Regulation
The EU AI Act deadline moved. Your obligation did not.
The Digital Omnibus on AI deferred high risk obligations to December 2027. Here is what to do with the extra runway.
The Digital Omnibus on AI pushed high risk AI Act obligations from August 2026 to December 2, 2027. Within a week of the announcement, three of our clients had deprioritised their compliance programs and reassigned the budget elsewhere. That is the wrong instinct, and the organisations that act on it will find themselves in a worse position in late 2027 than they would have been in mid 2026.
An additional sixteen months is not a reprieve. It is the difference between a compliance posture you assembled in panic and one that genuinely operates. Treat it as runway, not relief. The organisations that use the window well will look back on it as the period in which they actually understood what AI they were running. The ones that defer will spend the second half of 2027 doing what they would have done in 2026, only with a smaller market for the consultants and engineers who can help them.
What actually moved, and what did not
The deferral applies specifically to the high risk system obligations under Article 6 and Annex III. Prohibited practices remain in force. Transparency obligations for general purpose AI models remain on their original schedule. The governance structures around the AI Office and the national competent authorities continue to stand up. If you are deploying a system that touches employment decisions, credit scoring, education access, or any of the other Annex III categories, the substantive obligation is unchanged. Only the enforcement date has moved.
This distinction matters because it changes what defer means. You cannot defer the design of a high risk system. By the time you know whether the obligation applies, the architectural decisions that determine compliance have already been made. What you can defer is the formal documentation, the conformity assessment, and the registration. Everything upstream of those steps still needs to happen on roughly the original timeline if you want the documentation to reflect reality rather than fiction.
Use the runway for the inventory you have been avoiding
Almost every organisation we work with has a gap between the AI systems procurement told them about and the AI systems that are actually running in production. The gap is usually large. Shadow AI, embedded AI features in tools that were procured for other purposes, models built by individual teams without central registration, and pilots that quietly became production all contribute to it.
The first thing to do with the extra time is to close this gap honestly. Walk every team, list every model and every AI-enabled feature, and record the use case, the data sources, the decision the system influences, and the human in the loop, if any. Most organisations discover three to five times as many in-scope systems as they had registered. The inventory is not glamorous work. It is the foundation of every subsequent decision about scope, classification, and control.
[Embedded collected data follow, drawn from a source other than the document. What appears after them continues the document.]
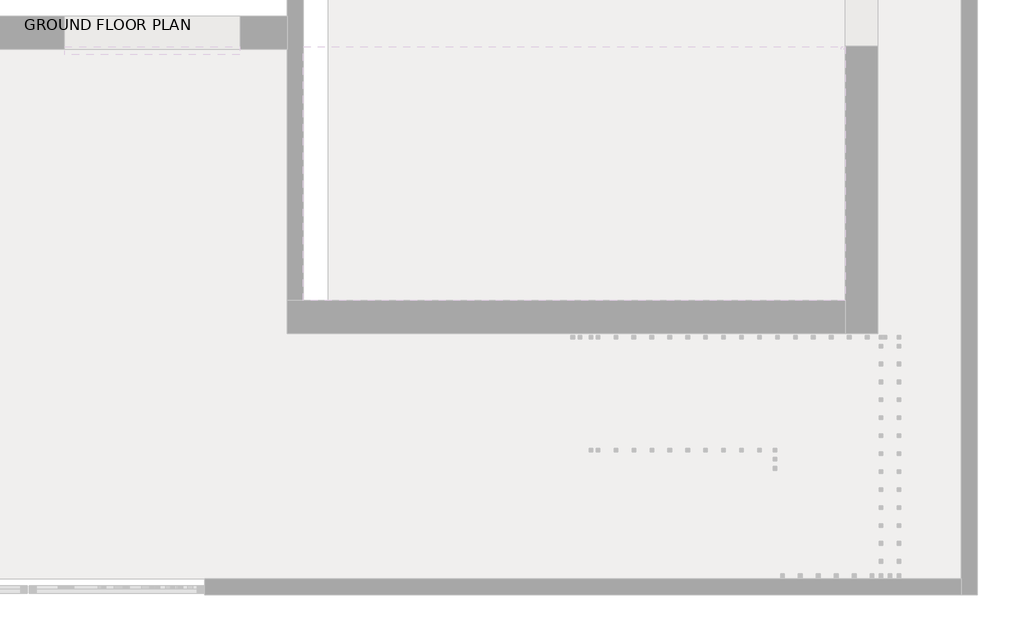
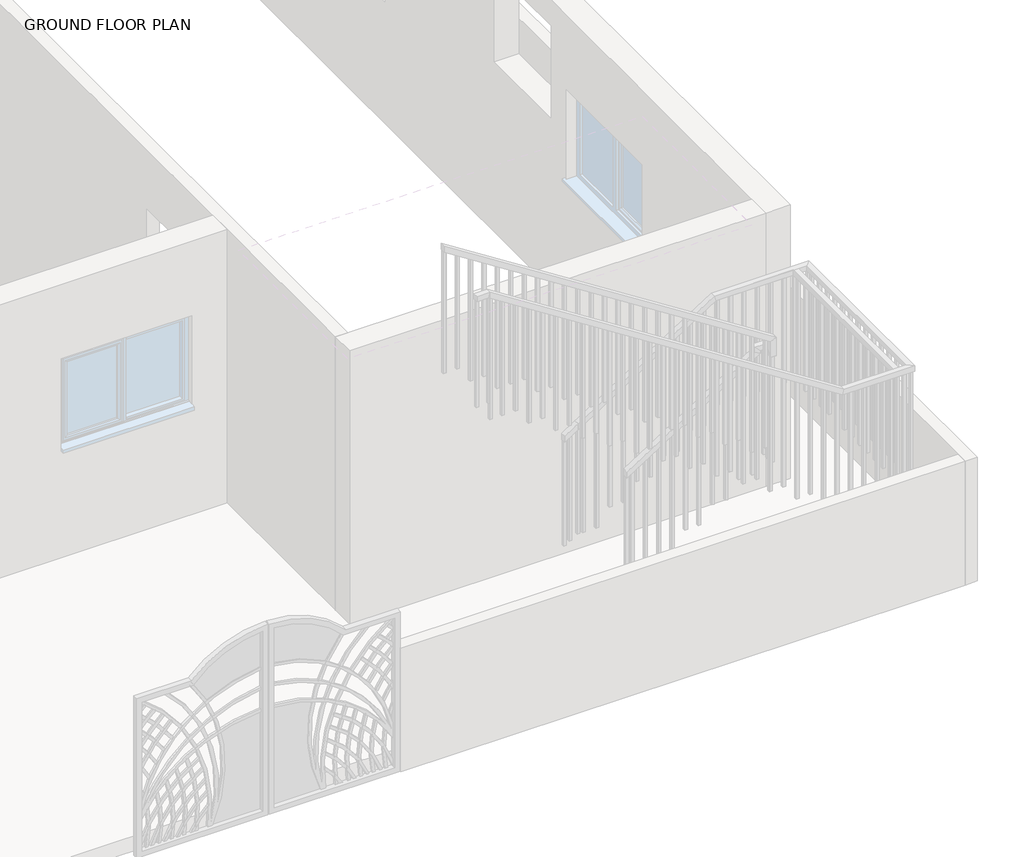
# One storey, part 5 of 23: 2 railings.
"""IFC4 building model written with IfcOpenShell, lengths in millimetres."""

from ifc_helpers import new_model, si_unit, frame, origin, place, context, project, spatial, polyline, outline, extrude, faceted_brep, element, save

model = new_model("IFC4")

# Units and contexts
model_context = context("Model", 3, world=origin())
ifc_project = project(units=[si_unit("LENGTHUNIT", "METRE", prefix="MILLI")], contexts=[model_context])

# Site, building, storey
site = spatial("IfcSite", under=ifc_project)
building = spatial("IfcBuilding", under=site)
storey = spatial("IfcBuildingStorey", under=building, Name="GROUND FLOOR PLAN", Elevation=487.68)

# Railings
placement = place(None, origin())
element("IfcRailing", 1, ObjectType="1100mm", at=placement, inside=storey, context=model_context, shape_type="SolidModel", body=[
    faceted_brep([(-8680.149573, -10220.0521308, 1912.8), (-8680.149573, -10220.0521308, 1853.4423995), (-8680.149573, -10270.0521308, 1853.4423995), (-8680.149573, -10270.0521308, 1912.8), (-7409.7306254, -10220.0521308, 2725.6), (-7395.1045513, -10220.0521308, 2675.6), (-7395.1045513, -10270.0521308, 2675.6), (-7409.7306254, -10270.0521308, 2725.6), (-6495.8132565, -10220.0521308, 2725.6), (-6495.8132565, -10220.0521308, 2675.6), (-6545.8132565, -10270.0521308, 2675.6), (-6545.8132565, -10270.0521308, 2725.6), (-6495.8132565, -11933.6860066, 2725.6), (-6495.8132565, -11933.6860066, 2675.6), (-6545.8132565, -11883.6860066, 2675.6), (-6545.8132565, -11883.6860066, 2725.6), (-7155.718398, -11933.6860066, 2725.6), (-7170.3479429, -11933.6860066, 2675.6), (-7170.3479429, -11883.6860066, 2675.6), (-7155.718398, -11883.6860066, 2725.6), (-10457.8773536, -11933.6860066, 4838.88), (-10457.8773536, -11883.6860066, 4838.88), (-10457.8773536, -11883.6860066, 4779.517542), (-10457.8773536, -11933.6860066, 4779.517542)], [[[0, 1, 2, 3]], [[1, 0, 4, 5]], [[2, 1, 5, 6]], [[3, 2, 6, 7]], [[0, 3, 7, 4]], [[5, 4, 8, 9]], [[6, 5, 9, 10]], [[7, 6, 10, 11]], [[4, 7, 11, 8]], [[9, 8, 12, 13]], [[10, 9, 13, 14]], [[11, 10, 14, 15]], [[8, 11, 15, 12]], [[13, 12, 16, 17]], [[14, 13, 17, 18]], [[15, 14, 18, 19]], [[12, 15, 19, 16]], [[20, 21, 22, 23]], [[17, 16, 20, 23]], [[18, 17, 23, 22]], [[19, 18, 22, 21]], [[16, 19, 21, 20]]]),
    extrude(outline(polyline([(4691.8007425, -10320.8132565), (4707.7999723, -10345.8132565), (3576.32, -10345.8132565), (3576.32, -10320.8132565), (4691.8007425, -10320.8132565)])), frame((0.0, -11921.1860066, 0.0), z_axis=(0.0, 1.0, 0.0), x_axis=(0.0, 0.0, 1.0)), (0.0, 0.0, 1.0), 25.0),
    extrude(outline(polyline([(4611.8045935, -10195.8132565), (4627.8038233, -10220.8132565), (3576.32, -10220.8132565), (3576.32, -10195.8132565), (4611.8045935, -10195.8132565)])), frame((0.0, -11921.1860066, 0.0), z_axis=(0.0, 1.0, 0.0), x_axis=(0.0, 0.0, 1.0)), (0.0, 0.0, 1.0), 25.0),
    extrude(outline(polyline([(4531.8084444, -10070.8132565), (4547.8076742, -10095.8132565), (3413.76, -10095.8132565), (3413.76, -10070.8132565), (4531.8084444, -10070.8132565)])), frame((0.0, -11921.1860066, 0.0), z_axis=(0.0, 1.0, 0.0), x_axis=(0.0, 0.0, 1.0)), (0.0, 0.0, 1.0), 25.0),
    extrude(outline(polyline([(4451.8122954, -9945.8132565), (4467.8115252, -9970.8132565), (3413.76, -9970.8132565), (3413.76, -9945.8132565), (4451.8122954, -9945.8132565)])), frame((0.0, -11921.1860066, 0.0), z_axis=(0.0, 1.0, 0.0), x_axis=(0.0, 0.0, 1.0)), (0.0, 0.0, 1.0), 25.0),
    extrude(outline(polyline([(4371.8161463, -9820.8132565), (4387.8153761, -9845.8132565), (3251.2, -9845.8132565), (3251.2, -9820.8132565), (4371.8161463, -9820.8132565)])), frame((0.0, -11921.1860066, 0.0), z_axis=(0.0, 1.0, 0.0), x_axis=(0.0, 0.0, 1.0)), (0.0, 0.0, 1.0), 25.0),
    extrude(outline(polyline([(4291.8423995, -9695.8132565), (4307.8371231, -9720.8132565), (3251.2, -9720.8132565), (3251.2, -9695.8132565), (4291.8423995, -9695.8132565)])), frame((0.0, -11921.1860066, 0.0), z_axis=(0.0, 1.0, 0.0), x_axis=(0.0, 0.0, 1.0)), (0.0, 0.0, 1.0), 25.0),
    extrude(outline(polyline([(4211.8238482, -9570.8132565), (4227.823078, -9595.8132565), (3088.64, -9595.8132565), (3088.64, -9570.8132565), (4211.8238482, -9570.8132565)])), frame((0.0, -11921.1860066, 0.0), z_axis=(0.0, 1.0, 0.0), x_axis=(0.0, 0.0, 1.0)), (0.0, 0.0, 1.0), 25.0),
    extrude(outline(polyline([(4131.8276992, -9445.8132565), (4147.826929, -9470.8132565), (3088.64, -9470.8132565), (3088.64, -9445.8132565), (4131.8276992, -9445.8132565)])), frame((0.0, -11921.1860066, 0.0), z_axis=(0.0, 1.0, 0.0), x_axis=(0.0, 0.0, 1.0)), (0.0, 0.0, 1.0), 25.0),
    extrude(outline(polyline([(4051.8315501, -9320.8132565), (4067.8307799, -9345.8132565), (2926.08, -9345.8132565), (2926.08, -9320.8132565), (4051.8315501, -9320.8132565)])), frame((0.0, -11921.1860066, 0.0), z_axis=(0.0, 1.0, 0.0), x_axis=(0.0, 0.0, 1.0)), (0.0, 0.0, 1.0), 25.0),
    extrude(outline(polyline([(3971.835401, -9195.8132565), (3987.8346309, -9220.8132565), (2926.08, -9220.8132565), (2926.08, -9195.8132565), (3971.835401, -9195.8132565)])), frame((0.0, -11921.1860066, 0.0), z_axis=(0.0, 1.0, 0.0), x_axis=(0.0, 0.0, 1.0)), (0.0, 0.0, 1.0), 25.0),
    extrude(outline(polyline([(3891.839252, -9070.8132565), (3907.8384818, -9095.8132565), (2763.52, -9095.8132565), (2763.52, -9070.8132565), (3891.839252, -9070.8132565)])), frame((0.0, -11921.1860066, 0.0), z_axis=(0.0, 1.0, 0.0), x_axis=(0.0, 0.0, 1.0)), (0.0, 0.0, 1.0), 25.0),
    extrude(outline(polyline([(3811.8431029, -8945.8132565), (3827.8423328, -8970.8132565), (2763.52, -8970.8132565), (2763.52, -8945.8132565), (3811.8431029, -8945.8132565)])), frame((0.0, -11921.1860066, 0.0), z_axis=(0.0, 1.0, 0.0), x_axis=(0.0, 0.0, 1.0)), (0.0, 0.0, 1.0), 25.0),
    extrude(outline(polyline([(3731.8469539, -8820.8132565), (3747.8461837, -8845.8132565), (2600.96, -8845.8132565), (2600.96, -8820.8132565), (3731.8469539, -8820.8132565)])), frame((0.0, -11921.1860066, 0.0), z_axis=(0.0, 1.0, 0.0), x_axis=(0.0, 0.0, 1.0)), (0.0, 0.0, 1.0), 25.0),
    extrude(outline(polyline([(3651.8508048, -8695.8132565), (3667.8500347, -8720.8132565), (2600.96, -8720.8132565), (2600.96, -8695.8132565), (3651.8508048, -8695.8132565)])), frame((0.0, -11921.1860066, 0.0), z_axis=(0.0, 1.0, 0.0), x_axis=(0.0, 0.0, 1.0)), (0.0, 0.0, 1.0), 25.0),
    extrude(outline(polyline([(3571.8546558, -8570.8132565), (3587.8538856, -8595.8132565), (2438.4, -8595.8132565), (2438.4, -8570.8132565), (3571.8546558, -8570.8132565)])), frame((0.0, -11921.1860066, 0.0), z_axis=(0.0, 1.0, 0.0), x_axis=(0.0, 0.0, 1.0)), (0.0, 0.0, 1.0), 25.0),
    extrude(outline(polyline([(3491.8585067, -8445.8132565), (3507.8577365, -8470.8132565), (2438.4, -8470.8132565), (2438.4, -8445.8132565), (3491.8585067, -8445.8132565)])), frame((0.0, -11921.1860066, 0.0), z_axis=(0.0, 1.0, 0.0), x_axis=(0.0, 0.0, 1.0)), (0.0, 0.0, 1.0), 25.0),
    extrude(outline(polyline([(3411.8623577, -8320.8132565), (3427.8615875, -8345.8132565), (2275.84, -8345.8132565), (2275.84, -8320.8132565), (3411.8623577, -8320.8132565)])), frame((0.0, -11921.1860066, 0.0), z_axis=(0.0, 1.0, 0.0), x_axis=(0.0, 0.0, 1.0)), (0.0, 0.0, 1.0), 25.0),
    extrude(outline(polyline([(3331.8662086, -8195.8132565), (3347.8654384, -8220.8132565), (2275.84, -8220.8132565), (2275.84, -8195.8132565), (3331.8662086, -8195.8132565)])), frame((0.0, -11921.1860066, 0.0), z_axis=(0.0, 1.0, 0.0), x_axis=(0.0, 0.0, 1.0)), (0.0, 0.0, 1.0), 25.0),
    extrude(outline(polyline([(3251.8700596, -8070.8132565), (3267.8692894, -8095.8132565), (2113.28, -8095.8132565), (2113.28, -8070.8132565), (3251.8700596, -8070.8132565)])), frame((0.0, -11921.1860066, 0.0), z_axis=(0.0, 1.0, 0.0), x_axis=(0.0, 0.0, 1.0)), (0.0, 0.0, 1.0), 25.0),
    extrude(outline(polyline([(3171.8739105, -7945.8132565), (3187.8731403, -7970.8132565), (2113.28, -7970.8132565), (2113.28, -7945.8132565), (3171.8739105, -7945.8132565)])), frame((0.0, -11921.1860066, 0.0), z_axis=(0.0, 1.0, 0.0), x_axis=(0.0, 0.0, 1.0)), (0.0, 0.0, 1.0), 25.0),
    extrude(outline(polyline([(3091.8777615, -7820.8132565), (3107.8769913, -7845.8132565), (1950.72, -7845.8132565), (1950.72, -7820.8132565), (3091.8777615, -7820.8132565)])), frame((0.0, -11921.1860066, 0.0), z_axis=(0.0, 1.0, 0.0), x_axis=(0.0, 0.0, 1.0)), (0.0, 0.0, 1.0), 25.0),
    extrude(outline(polyline([(3011.8816124, -7695.8132565), (3027.8808422, -7720.8132565), (1950.72, -7720.8132565), (1950.72, -7695.8132565), (3011.8816124, -7695.8132565)])), frame((0.0, -11921.1860066, 0.0), z_axis=(0.0, 1.0, 0.0), x_axis=(0.0, 0.0, 1.0)), (0.0, 0.0, 1.0), 25.0),
    extrude(outline(polyline([(2931.8854634, -7570.8132565), (2947.8846932, -7595.8132565), (1788.16, -7595.8132565), (1788.16, -7570.8132565), (2931.8854634, -7570.8132565)])), frame((0.0, -11921.1860066, 0.0), z_axis=(0.0, 1.0, 0.0), x_axis=(0.0, 0.0, 1.0)), (0.0, 0.0, 1.0), 25.0),
    extrude(outline(polyline([(2851.8893143, -7445.8132565), (2867.8885441, -7470.8132565), (1788.16, -7470.8132565), (1788.16, -7445.8132565), (2851.8893143, -7445.8132565)])), frame((0.0, -11921.1860066, 0.0), z_axis=(0.0, 1.0, 0.0), x_axis=(0.0, 0.0, 1.0)), (0.0, 0.0, 1.0), 25.0),
    extrude(outline(polyline([(2771.8931653, -7320.8132565), (2787.8923951, -7345.8132565), (1625.6, -7345.8132565), (1625.6, -7320.8132565), (2771.8931653, -7320.8132565)])), frame((0.0, -11921.1860066, 0.0), z_axis=(0.0, 1.0, 0.0), x_axis=(0.0, 0.0, 1.0)), (0.0, 0.0, 1.0), 25.0),
    extrude(outline(polyline([(2691.8970162, -7195.8132565), (2707.896246, -7220.8132565), (1625.6, -7220.8132565), (1625.6, -7195.8132565), (2691.8970162, -7195.8132565)])), frame((0.0, -11921.1860066, 0.0), z_axis=(0.0, 1.0, 0.0), x_axis=(0.0, 0.0, 1.0)), (0.0, 0.0, 1.0), 25.0),
    extrude(outline(polyline([(-7070.8132565, -11921.1860066), (-7095.8132565, -11921.1860066), (-7095.8132565, -11896.1860066), (-7070.8132565, -11896.1860066), (-7070.8132565, -11921.1860066)])), frame((0.0, 0.0, 1625.6), z_axis=(0.0, 0.0, 1.0), x_axis=(1.0, 0.0, 0.0)), (0.0, 0.0, 1.0), 1050.0),
    extrude(outline(polyline([(-6945.8132565, -11921.1860066), (-6970.8132565, -11921.1860066), (-6970.8132565, -11896.1860066), (-6945.8132565, -11896.1860066), (-6945.8132565, -11921.1860066)])), frame((0.0, 0.0, 1625.6), z_axis=(0.0, 0.0, 1.0), x_axis=(1.0, 0.0, 0.0)), (0.0, 0.0, 1.0), 1050.0),
    extrude(outline(polyline([(-6820.8132565, -11921.1860066), (-6845.8132565, -11921.1860066), (-6845.8132565, -11896.1860066), (-6820.8132565, -11896.1860066), (-6820.8132565, -11921.1860066)])), frame((0.0, 0.0, 1625.6), z_axis=(0.0, 0.0, 1.0), x_axis=(1.0, 0.0, 0.0)), (0.0, 0.0, 1.0), 1050.0),
    extrude(outline(polyline([(-6695.8132565, -11921.1860066), (-6720.8132565, -11921.1860066), (-6720.8132565, -11896.1860066), (-6695.8132565, -11896.1860066), (-6695.8132565, -11921.1860066)])), frame((0.0, 0.0, 1625.6), z_axis=(0.0, 0.0, 1.0), x_axis=(1.0, 0.0, 0.0)), (0.0, 0.0, 1.0), 1050.0),
    extrude(outline(polyline([(-6570.8132565, -11921.1860066), (-6595.8132565, -11921.1860066), (-6595.8132565, -11896.1860066), (-6570.8132565, -11896.1860066), (-6570.8132565, -11921.1860066)])), frame((0.0, 0.0, 1625.6), z_axis=(0.0, 0.0, 1.0), x_axis=(1.0, 0.0, 0.0)), (0.0, 0.0, 1.0), 1050.0),
    extrude(outline(polyline([(-6508.3132565, -11795.0521308), (-6508.3132565, -11820.0521308), (-6533.3132565, -11820.0521308), (-6533.3132565, -11795.0521308), (-6508.3132565, -11795.0521308)])), frame((0.0, 0.0, 1625.6), z_axis=(0.0, 0.0, 1.0), x_axis=(1.0, 0.0, 0.0)), (0.0, 0.0, 1.0), 1050.0),
    extrude(outline(polyline([(-6508.3132565, -11670.0521308), (-6508.3132565, -11695.0521308), (-6533.3132565, -11695.0521308), (-6533.3132565, -11670.0521308), (-6508.3132565, -11670.0521308)])), frame((0.0, 0.0, 1625.6), z_axis=(0.0, 0.0, 1.0), x_axis=(1.0, 0.0, 0.0)), (0.0, 0.0, 1.0), 1050.0),
    extrude(outline(polyline([(-6508.3132565, -11545.0521308), (-6508.3132565, -11570.0521308), (-6533.3132565, -11570.0521308), (-6533.3132565, -11545.0521308), (-6508.3132565, -11545.0521308)])), frame((0.0, 0.0, 1625.6), z_axis=(0.0, 0.0, 1.0), x_axis=(1.0, 0.0, 0.0)), (0.0, 0.0, 1.0), 1050.0),
    extrude(outline(polyline([(-6508.3132565, -11420.0521308), (-6508.3132565, -11445.0521308), (-6533.3132565, -11445.0521308), (-6533.3132565, -11420.0521308), (-6508.3132565, -11420.0521308)])), frame((0.0, 0.0, 1625.6), z_axis=(0.0, 0.0, 1.0), x_axis=(1.0, 0.0, 0.0)), (0.0, 0.0, 1.0), 1050.0),
    extrude(outline(polyline([(-6508.3132565, -11295.0521308), (-6508.3132565, -11320.0521308), (-6533.3132565, -11320.0521308), (-6533.3132565, -11295.0521308), (-6508.3132565, -11295.0521308)])), frame((0.0, 0.0, 1625.6), z_axis=(0.0, 0.0, 1.0), x_axis=(1.0, 0.0, 0.0)), (0.0, 0.0, 1.0), 1050.0),
    extrude(outline(polyline([(-6508.3132565, -11170.0521308), (-6508.3132565, -11195.0521308), (-6533.3132565, -11195.0521308), (-6533.3132565, -11170.0521308), (-6508.3132565, -11170.0521308)])), frame((0.0, 0.0, 1625.6), z_axis=(0.0, 0.0, 1.0), x_axis=(1.0, 0.0, 0.0)), (0.0, 0.0, 1.0), 1050.0),
    extrude(outline(polyline([(-6508.3132565, -11045.0521308), (-6508.3132565, -11070.0521308), (-6533.3132565, -11070.0521308), (-6533.3132565, -11045.0521308), (-6508.3132565, -11045.0521308)])), frame((0.0, 0.0, 1625.6), z_axis=(0.0, 0.0, 1.0), x_axis=(1.0, 0.0, 0.0)), (0.0, 0.0, 1.0), 1050.0),
    extrude(outline(polyline([(-6508.3132565, -10920.0521308), (-6508.3132565, -10945.0521308), (-6533.3132565, -10945.0521308), (-6533.3132565, -10920.0521308), (-6508.3132565, -10920.0521308)])), frame((0.0, 0.0, 1625.6), z_axis=(0.0, 0.0, 1.0), x_axis=(1.0, 0.0, 0.0)), (0.0, 0.0, 1.0), 1050.0),
    extrude(outline(polyline([(-6508.3132565, -10795.0521308), (-6508.3132565, -10820.0521308), (-6533.3132565, -10820.0521308), (-6533.3132565, -10795.0521308), (-6508.3132565, -10795.0521308)])), frame((0.0, 0.0, 1625.6), z_axis=(0.0, 0.0, 1.0), x_axis=(1.0, 0.0, 0.0)), (0.0, 0.0, 1.0), 1050.0),
    extrude(outline(polyline([(-6508.3132565, -10670.0521308), (-6508.3132565, -10695.0521308), (-6533.3132565, -10695.0521308), (-6533.3132565, -10670.0521308), (-6508.3132565, -10670.0521308)])), frame((0.0, 0.0, 1625.6), z_axis=(0.0, 0.0, 1.0), x_axis=(1.0, 0.0, 0.0)), (0.0, 0.0, 1.0), 1050.0),
    extrude(outline(polyline([(-6508.3132565, -10545.0521308), (-6508.3132565, -10570.0521308), (-6533.3132565, -10570.0521308), (-6533.3132565, -10545.0521308), (-6508.3132565, -10545.0521308)])), frame((0.0, 0.0, 1625.6), z_axis=(0.0, 0.0, 1.0), x_axis=(1.0, 0.0, 0.0)), (0.0, 0.0, 1.0), 1050.0),
    extrude(outline(polyline([(-6508.3132565, -10420.0521308), (-6508.3132565, -10445.0521308), (-6533.3132565, -10445.0521308), (-6533.3132565, -10420.0521308), (-6508.3132565, -10420.0521308)])), frame((0.0, 0.0, 1625.6), z_axis=(0.0, 0.0, 1.0), x_axis=(1.0, 0.0, 0.0)), (0.0, 0.0, 1.0), 1050.0),
    extrude(outline(polyline([(-6508.3132565, -10295.0521308), (-6508.3132565, -10320.0521308), (-6533.3132565, -10320.0521308), (-6533.3132565, -10295.0521308), (-6508.3132565, -10295.0521308)])), frame((0.0, 0.0, 1625.6), z_axis=(0.0, 0.0, 1.0), x_axis=(1.0, 0.0, 0.0)), (0.0, 0.0, 1.0), 1050.0),
    extrude(outline(polyline([(-6630.149573, -10232.5521308), (-6605.149573, -10232.5521308), (-6605.149573, -10257.5521308), (-6630.149573, -10257.5521308), (-6630.149573, -10232.5521308)])), frame((0.0, 0.0, 1625.6), z_axis=(0.0, 0.0, 1.0), x_axis=(1.0, 0.0, 0.0)), (0.0, 0.0, 1.0), 1050.0),
    extrude(outline(polyline([(-6755.149573, -10232.5521308), (-6730.149573, -10232.5521308), (-6730.149573, -10257.5521308), (-6755.149573, -10257.5521308), (-6755.149573, -10232.5521308)])), frame((0.0, 0.0, 1625.6), z_axis=(0.0, 0.0, 1.0), x_axis=(1.0, 0.0, 0.0)), (0.0, 0.0, 1.0), 1050.0),
    extrude(outline(polyline([(-6880.149573, -10232.5521308), (-6855.149573, -10232.5521308), (-6855.149573, -10257.5521308), (-6880.149573, -10257.5521308), (-6880.149573, -10232.5521308)])), frame((0.0, 0.0, 1625.6), z_axis=(0.0, 0.0, 1.0), x_axis=(1.0, 0.0, 0.0)), (0.0, 0.0, 1.0), 1050.0),
    extrude(outline(polyline([(-7005.149573, -10232.5521308), (-6980.149573, -10232.5521308), (-6980.149573, -10257.5521308), (-7005.149573, -10257.5521308), (-7005.149573, -10232.5521308)])), frame((0.0, 0.0, 1625.6), z_axis=(0.0, 0.0, 1.0), x_axis=(1.0, 0.0, 0.0)), (0.0, 0.0, 1.0), 1050.0),
    extrude(outline(polyline([(-7130.149573, -10232.5521308), (-7105.149573, -10232.5521308), (-7105.149573, -10257.5521308), (-7130.149573, -10257.5521308), (-7130.149573, -10232.5521308)])), frame((0.0, 0.0, 1625.6), z_axis=(0.0, 0.0, 1.0), x_axis=(1.0, 0.0, 0.0)), (0.0, 0.0, 1.0), 1050.0),
    extrude(outline(polyline([(-7255.149573, -10232.5521308), (-7230.149573, -10232.5521308), (-7230.149573, -10257.5521308), (-7255.149573, -10257.5521308), (-7255.149573, -10232.5521308)])), frame((0.0, 0.0, 1625.6), z_axis=(0.0, 0.0, 1.0), x_axis=(1.0, 0.0, 0.0)), (0.0, 0.0, 1.0), 1050.0),
    extrude(outline(polyline([(-7380.149573, -10232.5521308), (-7355.149573, -10232.5521308), (-7355.149573, -10257.5521308), (-7380.149573, -10257.5521308), (-7380.149573, -10232.5521308)])), frame((0.0, 0.0, 1625.6), z_axis=(0.0, 0.0, 1.0), x_axis=(1.0, 0.0, 0.0)), (0.0, 0.0, 1.0), 1050.0),
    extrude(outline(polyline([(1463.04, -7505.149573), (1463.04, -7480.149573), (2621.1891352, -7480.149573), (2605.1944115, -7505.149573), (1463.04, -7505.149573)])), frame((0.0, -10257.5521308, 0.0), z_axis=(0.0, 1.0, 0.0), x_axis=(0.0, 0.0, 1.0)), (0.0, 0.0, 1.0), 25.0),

Classify against Annex III with someone who has read the working group notes
Annex III classification looks deterministic until you actually try it. The categories are written in legal language that interacts with deployment context, and the working group guidance that clarifies the edge cases is dispersed across multiple documents, several of which are still in draft. A system that influences a hiring decision is high risk. A system that suggests interview questions to a hiring manager is, depending on how the suggestions are framed and how the manager uses them, sometimes high risk and sometimes not.
The right way through this is to classify with someone who has spent time inside the working group materials, and to document the reasoning behind each classification decision. The classification itself matters less than the reasoning. When the regulator asks why a system was classified the way it was, the reasoning is what you present. A classification without recorded reasoning is indistinguishable, in audit, from no classification at all.
Build governance before the audit framework
There is a strong temptation, with sixteen months in hand, to begin with the audit framework. Pick a standard, map the controls, fill in the evidence. This is backwards. The audit framework is a way of demonstrating that governance exists. If governance does not yet exist, the audit framework will be a description of a fictional organisation.
Build the governance layer first. Decide who owns AI risk. Establish the review cadence. Set the escalation path. Run it for a quarter against your real inventory. Only then begin to map the governance you have built onto the standard you intend to certify against. Done in this order, the controls will reflect what you actually do, and the certification process will be relatively painless. Done in the reverse order, the certification process is a six month project of pretending.
Watch the GPAI obligations
The general purpose AI obligations were not deferred. If your organisation deploys foundation models, either directly or embedded in third party products, the transparency and documentation requirements are already binding. Many organisations have been so focused on the high risk system timeline that they have missed this entirely. A quick scan of which foundation models you depend on, and what each provider has published about training data, evaluations, and known limitations, is a useful exercise to run in the next quarter.
What the next sixteen months should look like
A practical sequence is: inventory in the first quarter, classification in the second, governance design in the third, governance operation through the fourth and fifth, and formal documentation and conformity assessment in the sixth. That leaves the final two quarters before the deadline for the work that is genuinely difficult to predict in advance: responding to regulatory clarifications, integrating with national supervisory authorities, and remediating the gaps that only become visible once governance has been running long enough to surface them.
Organisations that follow roughly this sequence will arrive at December 2027 with a system that works, documented in a way that the regulator can read, owned by people who understand it. Organisations that wait will arrive in the second half of 2027 to discover that the consultants who can help them are booked, the auditors are saturated, and the gap between their current state and a defensible compliance posture is larger than the time remaining to close it.
The deadline moved. The obligation did not. The runway is a gift, but only if you spend it.